Idempotency Store Performance

Every request hits the idempotency store. Keep it fast:

  • Use Redis as a write-through cache in front of the persistent store
  • TTL of 24 hours on idempotency keys (configurable per merchant)
  • At 500 TPS, Redis handles this trivially

Reconciliation at Scale

With 10 million transactions/day, reconciliation jobs process large datasets:

  • Use batch processing (Apache Spark or a simple partitioned SQL job)
  • Process each processor's settlement file independently in parallel
  • Partition by date & processor to limit working set size

Common Pitfalls

  • Using floating point for money0.1 + 0.2 != 0.3 in IEEE 754. Store amounts as integers in the smallest currency unit (cents).
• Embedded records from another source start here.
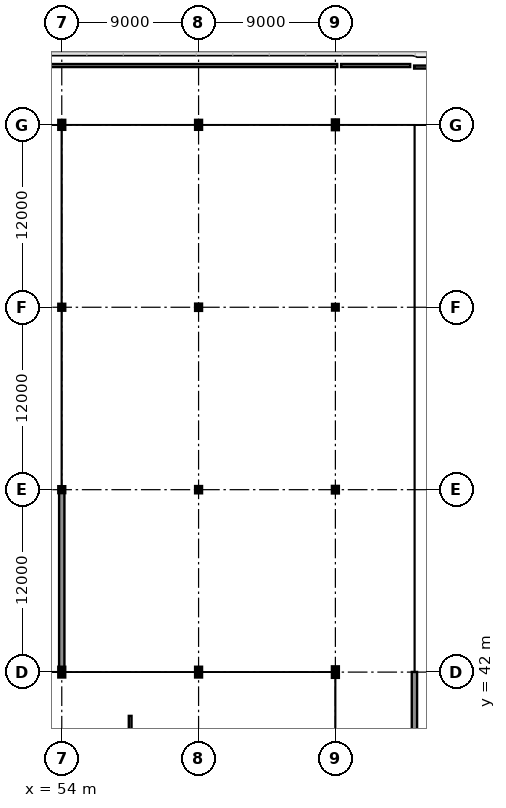
"""IFC4 building model, lengths in metres.
Left out: names, types, materials, properties, quantities, classifications, styles, units other than length and angle.
Written with IfcOpenShell. Run it as: python <this file> out.ifc"""

import sys

from ifc_helpers import new_model, si_unit, direction, frame, frame_2d, origin, origin_2d, place, context, subcontext, project, spatial, rectangle, i_section, extrude, element, fill, save


model = new_model("IFC4")
c1 = context("Model", 3, precision=1e-05, world=origin(), true_north=direction((0.0, 1.0)))
c2 = subcontext(c1, "Body", "Model", "MODEL_VIEW")
j1 = project(units=[si_unit("LENGTHUNIT", "METRE"), si_unit("PLANEANGLEUNIT", "RADIAN")], contexts=[c1])
p1 = place(None, origin())
s1 = spatial("IfcSite", under=j1, at=p1, CompositionType="ELEMENT")
p2 = place(p1, origin())
s2 = spatial("IfcBuilding", under=s1, at=p2, CompositionType="ELEMENT")
p3 = place(p2, origin())
s3 = spatial("IfcBuildingStorey", under=s2, at=p3, CompositionType="ELEMENT", Elevation=0.0)
p4 = place(p3, frame((54.0, 42.0, 0.0), z_axis=(0.0, 0.0, 1.0), x_axis=(1.0, 0.0, 0.0)))
e1 = element("IfcColumn", 1, at=p4, inside=s3, PredefinedType="COLUMN", context=c2, shape_type="SweptSolid", body=[
    extrude(i_section(OverallWidth=0.3, OverallDepth=0.55, WebThickness=0.015, FlangeThickness=0.029, at=origin_2d()), origin(), (0.0, 0.0, 1.0), 5.4),
])
for number, where, z_axis, x_axis in (
    (2, (54.0, 54.0, 0.0), (0.0, 0.0, 1.0), (0.0, 1.0, 0.0)),
    (3, (54.0, 66.0, 0.0), (0.0, 0.0, 1.0), (1.0, 0.0, 0.0)),
):
    element("IfcColumn", number, at=place(p3, frame(where, z_axis=z_axis, x_axis=x_axis)), inside=s3, PredefinedType="COLUMN", context=c2, shape_type="SweptSolid", body=[
        extrude(i_section(OverallWidth=0.3, OverallDepth=0.3, WebThickness=0.011, FlangeThickness=0.019, at=origin_2d()), origin(), (0.0, 0.0, 1.0), 5.4),
    ])
p5 = place(p3, frame((54.0, 78.0, 0.0), z_axis=(0.0, 0.0, 1.0), x_axis=(1.0, 0.0, 0.0)))
e4 = element("IfcColumn", 4, at=p5, inside=s3, PredefinedType="COLUMN", context=c2, shape_type="SweptSolid", body=[
    extrude(i_section(OverallWidth=0.3, OverallDepth=0.5, WebThickness=0.014, FlangeThickness=0.028, at=origin_2d()), origin(), (0.0, 0.0, 1.0), 5.4),
])
p6 = place(p3, frame((63.0, 42.0, 0.0), z_axis=(0.0, 0.0, 1.0), x_axis=(1.0, 0.0, 0.0)))
e5 = element("IfcColumn", 5, at=p6, inside=s3, PredefinedType="COLUMN", context=c2, shape_type="SweptSolid", body=[
    extrude(i_section(OverallWidth=0.3, OverallDepth=0.55, WebThickness=0.015, FlangeThickness=0.029, at=origin_2d()), origin(), (0.0, 0.0, 1.0), 5.4),
])
for number, where, z_axis, x_axis in (
    (6, (63.0, 54.0, 0.0), (0.0, 0.0, 1.0), (1.0, 0.0, 0.0)),
    (7, (63.0, 66.0, 0.0), (0.0, 0.0, 1.0), (1.0, 0.0, 0.0)),
):
    element("IfcColumn", number, at=place(p3, frame(where, z_axis=z_axis, x_axis=x_axis)), inside=s3, PredefinedType="COLUMN", context=c2, shape_type="SweptSolid", body=[
        extrude(i_section(OverallWidth=0.3, OverallDepth=0.32, WebThickness=0.011, FlangeThickness=0.021, at=origin_2d()), origin(), (0.0, 0.0, 1.0), 5.4),
    ])
p7 = place(p3, frame((63.0, 78.0, 0.0), z_axis=(0.0, 0.0, 1.0), x_axis=(0.0, 1.0, 0.0)))
e8 = element("IfcColumn", 8, at=p7, inside=s3, PredefinedType="COLUMN", context=c2, shape_type="SweptSolid", body=[
    extrude(i_section(OverallWidth=0.3, OverallDepth=0.5, WebThickness=0.014, FlangeThickness=0.028, at=origin_2d()), origin(), (0.0, 0.0, 1.0), 5.4),
])
p8 = place(p3, frame((72.0, 42.0, 0.0), z_axis=(0.0, 0.0, 1.0), x_axis=(0.0, 1.0, 0.0)))
e9 = element("IfcColumn", 9, at=p8, inside=s3, PredefinedType="COLUMN", context=c2, shape_type="SweptSolid", body=[
    extrude(i_section(OverallWidth=0.3, OverallDepth=0.6, WebThickness=0.015, FlangeThickness=0.03, at=origin_2d()), origin(), (0.0, 0.0, 1.0), 5.4),
])
p9 = place(p3, frame((72.0, 54.0, 0.0), z_axis=(0.0, 0.0, 1.0), x_axis=(1.0, 0.0, 0.0)))
e10 = element("IfcColumn", 10, at=p9, inside=s3, PredefinedType="COLUMN", context=c2, shape_type="SweptSolid", body=[
    extrude(i_section(OverallWidth=0.3, OverallDepth=0.34, WebThickness=0.012, FlangeThickness=0.021, at=origin_2d()), origin(), (0.0, 0.0, 1.0), 5.4),
])
p10 = place(p3, frame((72.0, 66.0, 0.0), z_axis=(0.0, 0.0, 1.0), x_axis=(1.0, 0.0, 0.0)))
e11 = element("IfcColumn", 11, at=p10, inside=s3, PredefinedType="COLUMN", context=c2, shape_type="SweptSolid", body=[
    extrude(i_section(OverallWidth=0.28, OverallDepth=0.28, WebThickness=0.01, FlangeThickness=0.018, at=origin_2d()), origin(), (0.0, 0.0, 1.0), 5.4),
])
p11 = place(p3, frame((72.0, 78.0, 0.0), z_axis=(0.0, 0.0, 1.0), x_axis=(1.0, 0.0, 0.0)))
e12 = element("IfcColumn", 12, at=p11, inside=s3, PredefinedType="COLUMN", context=c2, shape_type="SweptSolid", body=[
    extrude(i_section(OverallWidth=0.3, OverallDepth=0.55, WebThickness=0.015, FlangeThickness=0.029, at=origin_2d()), origin(), (0.0, 0.0, 1.0), 5.4),
])
p12 = place(p3, frame((77.2, 24.04, 0.0), z_axis=(0.0, 0.0, 1.0), x_axis=(0.0, 1.0, 0.0)))
e13 = element("IfcWall", 13, at=p12, inside=s3, PredefinedType="SOLIDWALL", context=c2, shape_type="SweptSolid", body=[
    extrude(rectangle(XDim=17.97, YDim=0.35, at=frame_2d((8.985, 0.0))), origin(), (0.0, 0.0, 1.0), 5.08),
])
p13 = place(p12, frame((12.66, 0.0, 0.0)))
e14 = element("IfcOpeningElement", 14, at=p13, cuts=e13, PredefinedType="OPENING", context=c2, shape_type="SweptSolid", body=[
    extrude(rectangle(XDim=1.8, YDim=2.4, at=frame_2d((0.9, 1.2))), frame((0.0, 0.19, 0.0), z_axis=(0.0, -1.0, 0.0), x_axis=(1.0, 0.0, 0.0)), (0.0, 0.0, 1.0), 0.38),
])
p14 = place(p3, frame((54.0, 53.992, 0.0), z_axis=(0.0, 0.0, 1.0), x_axis=(0.0, -1.0, 0.0)))
e15 = element("IfcWall", 15, at=p14, inside=s3, PredefinedType="SOLIDWALL", context=c2, shape_type="SweptSolid", body=[
    extrude(rectangle(XDim=11.719, YDim=0.35, at=frame_2d((5.859, 0.0))), origin(), (0.0, 0.0, 1.0), 4.725),
])
p15 = place(p14, frame((4.892, 0.0, 0.0)))
e16 = element("IfcOpeningElement", 16, at=p15, cuts=e15, PredefinedType="OPENING", context=c2, shape_type="SweptSolid", body=[
    extrude(rectangle(XDim=2.2, YDim=2.7, at=frame_2d((1.1, 1.35))), frame((0.0, 0.19, 0.0), z_axis=(0.0, -1.0, 0.0), x_axis=(1.0, 0.0, 0.0)), (0.0, 0.0, 1.0), 0.38),
])
p16 = place(p3, frame((58.5, 36.08, 0.0), z_axis=(0.0, 0.0, 1.0), x_axis=(0.0, 1.0, 0.0)))
e17 = element("IfcWall", 17, at=p16, inside=s3, PredefinedType="PARTITIONING", context=c2, shape_type="SweptSolid", body=[
    extrude(rectangle(XDim=3.04, YDim=0.18, at=frame_2d((1.52, 0.0))), origin(), (0.0, 0.0, 1.0), 5.04),
])
p17 = place(p16, frame((0.795, 0.0, 0.0)))
e18 = element("IfcOpeningElement", 18, at=p17, cuts=e17, PredefinedType="OPENING", context=c2, shape_type="SweptSolid", body=[
    extrude(rectangle(XDim=1.45, YDim=2.2, at=frame_2d((0.725, 1.1))), frame((0.0, 0.105, 0.0), z_axis=(0.0, -1.0, 0.0), x_axis=(1.0, 0.0, 0.0)), (0.0, 0.0, 1.0), 0.21),
])
p18 = place(p3, frame((76.92, 81.9, 0.0), z_axis=(0.0, 0.0, 1.0), x_axis=(-1.0, 0.0, 0.0)))
e19 = element("IfcWall", 19, at=p18, inside=s3, PredefinedType="PARTITIONING", context=c2, shape_type="SweptSolid", body=[
    extrude(rectangle(XDim=4.54, YDim=0.2, at=frame_2d((2.27, 0.0))), origin(), (0.0, 0.0, 1.0), 5.04),
])
p19 = place(p3, frame((72.12, 81.9, 0.0), z_axis=(0.0, 0.0, 1.0), x_axis=(-1.0, 0.0, 0.0)))
e20 = element("IfcWall", 20, at=p19, inside=s3, PredefinedType="PARTITIONING", context=c2, shape_type="SweptSolid", body=[
    extrude(rectangle(XDim=36.54, YDim=0.2, at=frame_2d((18.27, 0.0))), origin(), (0.0, 0.0, 1.0), 5.04),
])
p20 = place(p19, frame((17.32, 0.0, 0.0)))
e21 = element("IfcOpeningElement", 21, at=p20, cuts=e20, PredefinedType="OPENING", context=c2, shape_type="SweptSolid", body=[
    extrude(rectangle(XDim=1.9, YDim=2.5, at=frame_2d((0.95, 1.25))), frame((0.0, 0.115, 0.0), z_axis=(0.0, -1.0, 0.0), x_axis=(1.0, 0.0, 0.0)), (0.0, 0.0, 1.0), 0.23),
])
p21 = place(p19, frame((34.19, 0.0, 1.05)))
e22 = element("IfcOpeningElement", 22, at=p21, cuts=e20, PredefinedType="OPENING", context=c2, shape_type="SweptSolid", body=[
    extrude(rectangle(XDim=1.5, YDim=1.1, at=frame_2d((0.75, 0.55))), frame((0.0, 0.115, 0.0), z_axis=(0.0, -1.0, 0.0), x_axis=(1.0, 0.0, 0.0)), (0.0, 0.0, 1.0), 0.23),
])
p22 = place(p3, frame((80.875, 81.8, 0.0), z_axis=(0.0, 0.0, 1.0), x_axis=(-1.0, 0.0, 0.0)))
e23 = element("IfcWall", 23, at=p22, inside=s3, PredefinedType="PARTITIONING", context=c2, shape_type="SweptSolid", body=[
    extrude(rectangle(XDim=3.695, YDim=0.2, at=frame_2d((1.848, 0.0))), origin(), (0.0, 0.0, 1.0), 5.04),
])
p23 = place(p13, frame((1.8, 0.0, 0.0), z_axis=(0.0, 0.0, 1.0), x_axis=(-1.0, 0.0, 0.0)))
e24 = element("IfcDoor", 24, at=p23, inside=s3, OperationType="DOUBLE_DOOR_SINGLE_SWING", PredefinedType="DOOR", context=c2, shape_type="SweptSolid", body=[
    extrude(rectangle(XDim=1.8, YDim=2.4, at=frame_2d((0.9, 1.2))), frame((0.0, 0.025, 0.0), z_axis=(0.0, -1.0, 0.0), x_axis=(1.0, 0.0, 0.0)), (0.0, 0.0, 1.0), 0.05),
])
fill(e14, e24)
p24 = place(p15, frame((2.2, 0.0, 0.0), z_axis=(0.0, 0.0, 1.0), x_axis=(-1.0, 0.0, 0.0)))
e25 = element("IfcDoor", 25, at=p24, inside=s3, OperationType="DOUBLE_DOOR_SINGLE_SWING", PredefinedType="DOOR", context=c2, shape_type="SweptSolid", body=[
    extrude(rectangle(XDim=2.2, YDim=2.7, at=frame_2d((1.1, 1.35))), frame((0.0, 0.025, 0.0), z_axis=(0.0, -1.0, 0.0), x_axis=(1.0, 0.0, 0.0)), (0.0, 0.0, 1.0), 0.05),
])
fill(e16, e25)
p25 = place(p17, origin())
e26 = element("IfcDoor", 26, at=p25, inside=s3, OperationType="DOUBLE_DOOR_SINGLE_SWING", PredefinedType="DOOR", context=c2, shape_type="SweptSolid", body=[
    extrude(rectangle(XDim=1.45, YDim=2.2, at=frame_2d((0.725, 1.1))), frame((0.0, 0.025, 0.0), z_axis=(0.0, -1.0, 0.0), x_axis=(1.0, 0.0, 0.0)), (0.0, 0.0, 1.0), 0.05),
])
fill(e18, e26)
p26 = place(p20, origin())
e27 = element("IfcDoor", 27, at=p26, inside=s3, OperationType="DOUBLE_DOOR_SINGLE_SWING", PredefinedType="DOOR", context=c2, shape_type="SweptSolid", body=[
    extrude(rectangle(XDim=1.9, YDim=2.5, at=frame_2d((0.95, 1.25))), frame((0.0, 0.025, 0.0), z_axis=(0.0, -1.0, 0.0), x_axis=(1.0, 0.0, 0.0)), (0.0, 0.0, 1.0), 0.05),
])
fill(e21, e27)
save(model, sys.argv[1])

This is the most common & most dangerous mistake in payment system design.
  • Retrying without checking external state — blindly retrying a timed-out authorization can double-charge the customer. Always send an inquiry to the processor before retrying.
  • Not implementing idempotency from day one — adding idempotency retroactively is extremely difficult. Design it in from the start.
  • Mutable ledger entries — updating or deleting ledger entries destroys the audit trail. Use append-only entries with reversals for corrections.
  • Ignoring the UNCERTAIN state — when an external call times out, the payment is in an unknown state. The system must resolve this before proceeding, not assume success or failure.
  • Skipping reconciliation — without daily reconciliation, discrepancies accumulate silently. By the time they surface, they may be impossible to resolve.
  • Handling PCI data directly when you do not need to — use processor-hosted checkout & tokenization to minimize PCI scope. Most systems never need to touch raw card numbers.

Key Takeaways

  • Correctness is the top priority. Use ACID transactions, double-entry bookkeeping, & strict state machines to ensure financial integrity.
  • Idempotency is non-negotiable. Every payment API must accept an idempotency key & return cached results for duplicate requests.
  • Store money as integers in the smallest currency unit. Never use floating point for financial calculations.
  • The ledger is append-only. Corrections are made by adding reversal entries, never by modifying existing records.
  • Handle external processor failures with an UNCERTAIN state. Resolve it via inquiry before retrying to prevent double charges.
  • Reconciliation is a core feature, not an afterthought. Automate it, run it daily, & alert on discrepancies.
  • Minimize PCI scope by using tokenization & processor-hosted checkout. Only bring card data in-house if you have a specific reason & the compliance infrastructure to support it.